To be fair, Judge Kavanaugh is in the process of being prepped for being pilloried in the court of public opinion, not to mention the Senate Judiciary Committee if the Democrats in the minority can somehow get their way, for activities in which he is accused of participating when he was still a teen-ager. He was in prep school as a senior of 17 in one instance, and in a newly revealed alleged incident, it was a year later, his freshman year at Yale College.
By any definition, these incidents, accepting the premise they may have occurred, are cold cases, especially in view that the warm bodies involved are still among us, still vital, still relatively young, though the occurrence of these alleged incidents was at a time that the bodies were not just warm, but in the full flower of youth—which seems to have a fluid meaning and pertinence depending on whose opinion you ask about the allegations. Yet, given our penchant for deep interest in such cases – whence the course of justice, indeed? – there is a divide as to whether there should be any intensive effort to examine either case, but especially that of the first allegation involving the sexual assault of Dr. Ford at a prep school party, for further evidence or corroboration beyond that of the principals in this drama. Indeed, it’s clear that for the Republicans in the hearing room, and in Greater Washington DC, and in suburban Connecticut, and around the country, there has already been too much allowance, and the chance being given to Dr. Ford to submit herself to examination and inquiry (let us not call it interrogation, even though the Republican majority of the Senate Judiciary Committee insists that lawyers appointed by them be permitted to pose the questions to those testifying) is sufficient effort, energy and expense. And not because of the nature of the offense, but because of, well, that’s the question isn’t it?
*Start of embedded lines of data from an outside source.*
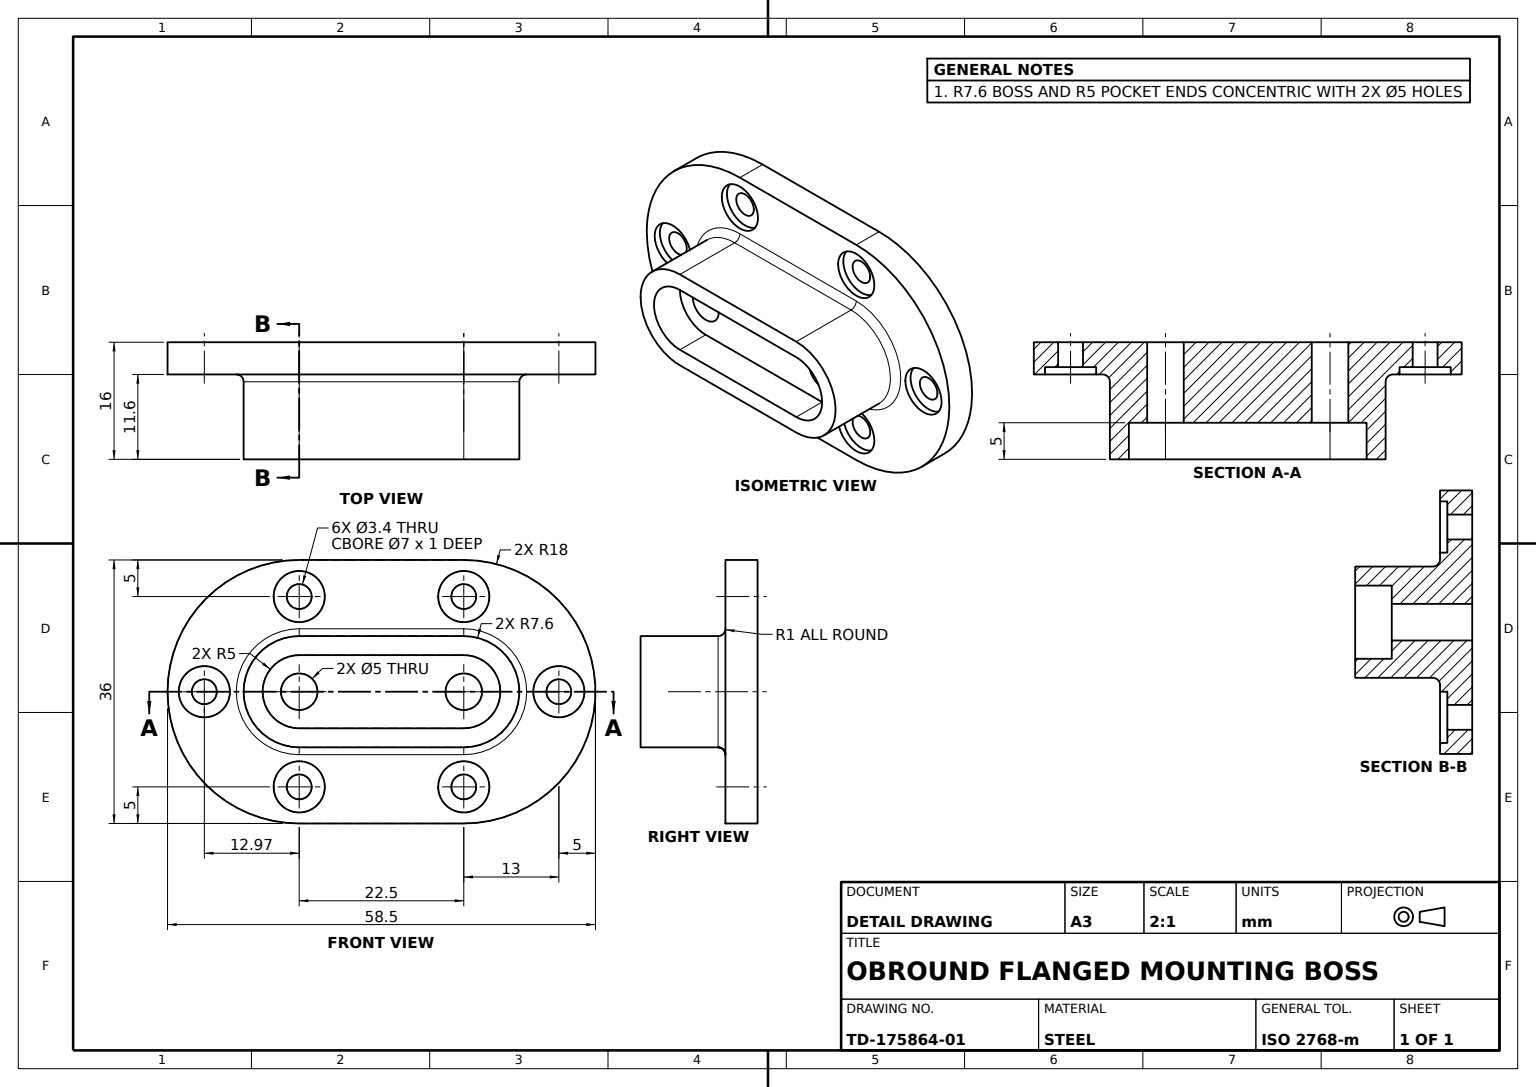
from build123d import *

# Parameters (mm, degrees)
OVAL_BASE_FLANGE_DEPTH       = 4.4
RAISED_OBROUND_HOUSING_DEPTH = 11.6
HOUSING_SLOT_R5_DEPTH        = 5
MOUNTING_HOLES_SKETCH_R      = 1.7
MOUNTING_HOLES_6X_3_4_DEPTH  = 5
COUNTERBORE_SKETCH_R         = 3.5
COUNTERBORES_6X_7_DEPTH      = 1
SLOT_THROUGH_CUT_SKETCH_R    = 2.5
SLOT_THROUGH_CUT_DEPTH       = 37.063312383
HOUSING_BASE_FILLET_R1_R     = 1


with BuildPart() as part:
    # Flange Profile Sketch → Oval Base Flange (new body)
    with BuildSketch(Plane.XY):
        with BuildLine():
            Line((-11.25, 18), (11.25, 18))
            ThreePointArc((11.25, 18), (29.25, 0), (11.25, -18))
            Line((11.25, -18), (-11.25, -18))
            ThreePointArc((-11.25, -18), (-29.25, 0), (-11.25, 18))
        make_face()
    extrude(amount=OVAL_BASE_FLANGE_DEPTH)

    # Housing Profile Sketch → Raised Obround Housing (add)
    with BuildSketch(Plane.XY.offset(4.4)):
        with BuildLine():
            Line((-11.25, 7.6), (11.25, 7.6))
            ThreePointArc((11.25, 7.6), (18.85, 0), (11.25, -7.6))
            Line((11.25, -7.6), (-11.25, -7.6))
            ThreePointArc((-11.25, -7.6), (-18.85, 0), (-11.25, 7.6))
        make_face()
    extrude(amount=RAISED_OBROUND_HOUSING_DEPTH)

    # Housing Slot Sketch → Housing Slot R5 (cut)
    with BuildSketch(Plane.XY.offset(16)):
        with BuildLine():
            Line((-11.25, 5), (11.25, 5))
            ThreePointArc((11.25, 5), (16.25, 0), (11.25, -5))
            Line((11.25, -5), (-11.25, -5))
            ThreePointArc((-11.25, -5), (-16.25, 0), (-11.25, 5))
        make_face()
    extrude(amount=-HOUSING_SLOT_R5_DEPTH, mode=Mode.SUBTRACT)

    # Mounting Holes Sketch → Mounting Holes 6xØ3.4 (cut)
    with BuildSketch(Plane.XY.offset(4.4)):
        with Locations((-24.22204296, 0)):
            Circle(MOUNTING_HOLES_SKETCH_R)
        with Locations((-11.25, 13)):
            Circle(MOUNTING_HOLES_SKETCH_R)
        with Locations((11.25, 13)):
            Circle(MOUNTING_HOLES_SKETCH_R)
        with Locations((24.25, 0)):
            Circle(MOUNTING_HOLES_SKETCH_R)
        with Locations((11.25, -13)):
            Circle(MOUNTING_HOLES_SKETCH_R)
        with Locations((-11.25, -13)):
            Circle(MOUNTING_HOLES_SKETCH_R)
    extrude(amount=-MOUNTING_HOLES_6X_3_4_DEPTH, mode=Mode.SUBTRACT)

    # Counterbore Sketch → Counterbores 6xØ7 (cut)
    with BuildSketch(Plane.XY.offset(4.4)):
        with Locations((-24.22204296, 0)):
            Circle(COUNTERBORE_SKETCH_R)
        with Locations((-11.25, 13)):
            Circle(COUNTERBORE_SKETCH_R)
        with Locations((11.25, 13)):
            Circle(COUNTERBORE_SKETCH_R)
        with Locations((24.25, 0)):
            Circle(COUNTERBORE_SKETCH_R)
        with Locations((11.25, -13)):
            Circle(COUNTERBORE_SKETCH_R)
        with Locations((-11.25, -13)):
            Circle(COUNTERBORE_SKETCH_R)
    extrude(amount=-COUNTERBORES_6X_7_DEPTH, mode=Mode.SUBTRACT)

    # Slot Through Cut Sketch → Slot Through Cut (cut, through all)
    with BuildSketch(Plane.XY.offset(11)):
        with Locations((-11.25, 0)):
            Circle(SLOT_THROUGH_CUT_SKETCH_R)
        with Locations((11.25, 0)):
            Circle(SLOT_THROUGH_CUT_SKETCH_R)
    extrude(amount=-SLOT_THROUGH_CUT_DEPTH, mode=Mode.SUBTRACT)

    # Housing Base Fillet R1
    housing_base_fillet_r1_edges = [part.edges().sort_by_distance(p)[0] for p in [
        (-18.85, 0, 4.4),
        (0, -7.6, 4.4),
        (18.85, 0, 4.4),
        (0, 7.6, 4.4),
    ]]
    fillet(housing_base_fillet_r1_edges, radius=HOUSING_BASE_FILLET_R1_R)


solid = part.part
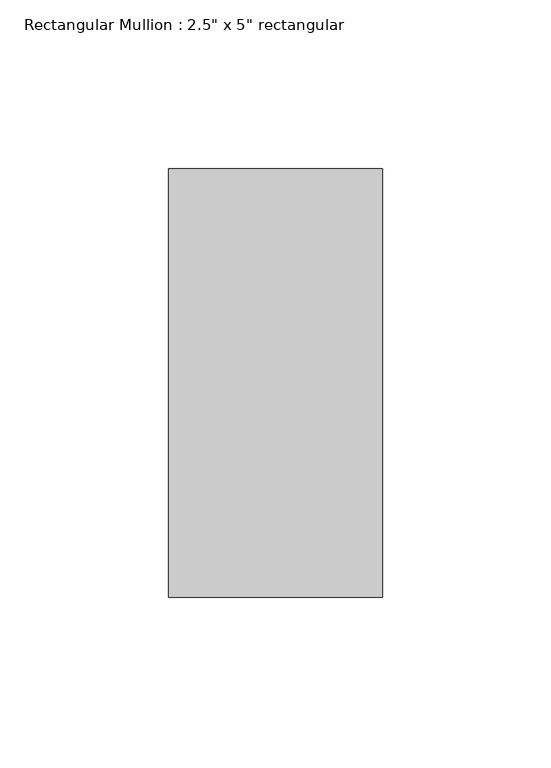
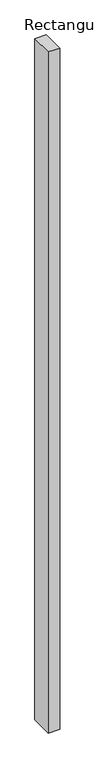
"""IFC4 building model written with IfcOpenShell, lengths in millimetres: member geometry."""

from ifc_helpers import new_model, si_unit, frame, origin, place, context, project, spatial, polyline, outline, extrude, source, transform, mapped, element, save


def member_97fca31a(model_context):
    return source(origin(), model_context, "Body", "SweptSolid", [
        extrude(outline(polyline([(0.0, 63.5), (0.0, -63.5), (-63.5, -63.5), (-63.5, 63.5), (0.0, 63.5)])), frame((0.0, 0.0, -3979.3994026), z_axis=(0.0, 0.0, 1.0), x_axis=(1.0, 0.0, 0.0)), (0.0, 0.0, 1.0), 3979.3994026),
    ])


if __name__ == "__main__":
    model = new_model("IFC4")
    model_context = context("Model", 3, world=origin())
    ifc_project = project(units=[si_unit("LENGTHUNIT", "METRE", prefix="MILLI")], contexts=[model_context])
    site = spatial("IfcSite", under=ifc_project)
    building = spatial("IfcBuilding", under=site)
    placement = place(None, origin())
    member_shape = member_97fca31a(model_context)
    element("IfcMember", 1, ObjectType="Rectangular Mullion : 2.5\" x 5\" rectangular", at=placement, inside=building, context=model_context, shape_type="MappedRepresentation", body=[
        mapped(member_shape, transform((0.0, 0.0, 0.0), x_axis=(1.0, 0.0, 0.0), y_axis=(0.0, 1.0, 0.0), z_axis=(0.0, 0.0, 1.0))),
    ])
    save(model, "model.ifc")

# Revit data of these elements
# Type "Rectangular Mullion : 2.5\" x 5\" rectangular"
#   built-in parameter 1007304 = 0.416667 (stored number, unit not read)
#   built-in parameter 1007301 = 0.104167 (stored number, unit not read)
#   built-in parameter 1007300 = 0.104167 (stored number, unit not read)
# Element 1 (IfcMember, "Rectangular Mullion : 2.5\" x 5\" rectangular")
#   Materials on its faces: "Aluminum"
# Materials
#   "Aluminum": class "Metal", colour RGB 247 247 247, transparency 0, Description = "Aluminum 6061", Cost = 0

If it were a Hollywood mogul, it’s easy. Guilty as charged. And if not guilty, though Mr. Harvey Weinstein, in fact, will have to face the court, so let’s consider, ahem, another example. Well, if it were a U.S. Senator or a member of the House of Representatives, either of whom will be up for re-election in short enough order, and either of whom could be made the focus of an ethics inquiry by the body on which they sit as a member (but why bother with such a nasty and un-collegial business, when a man’s honor can be invoked and he can be called upon, in private, to do the right thing?), he would do the honorable thing and simply step down, by way of tacit admission no matter what discrepant verbiage actually issues from his lips, which it inevitably will. But this is a sitting judge, who will have to suffer the bitter deprivations of continuing in his seat on the bench of one of the second highest courts of the entire nation, continuing to wield power and influence on the laws of the land, rather than assume an even higher agency holding a judicial position for life.
Is this a matter or justice? Is this a matter of life and limb? Nah. Apparently not, at worst it seems to be a matter of teenage hanky panky and indiscretion. It’s merely a matter of the reputation and word of a woman. How many times must we be taught what that’s worth, at least in certain arenas?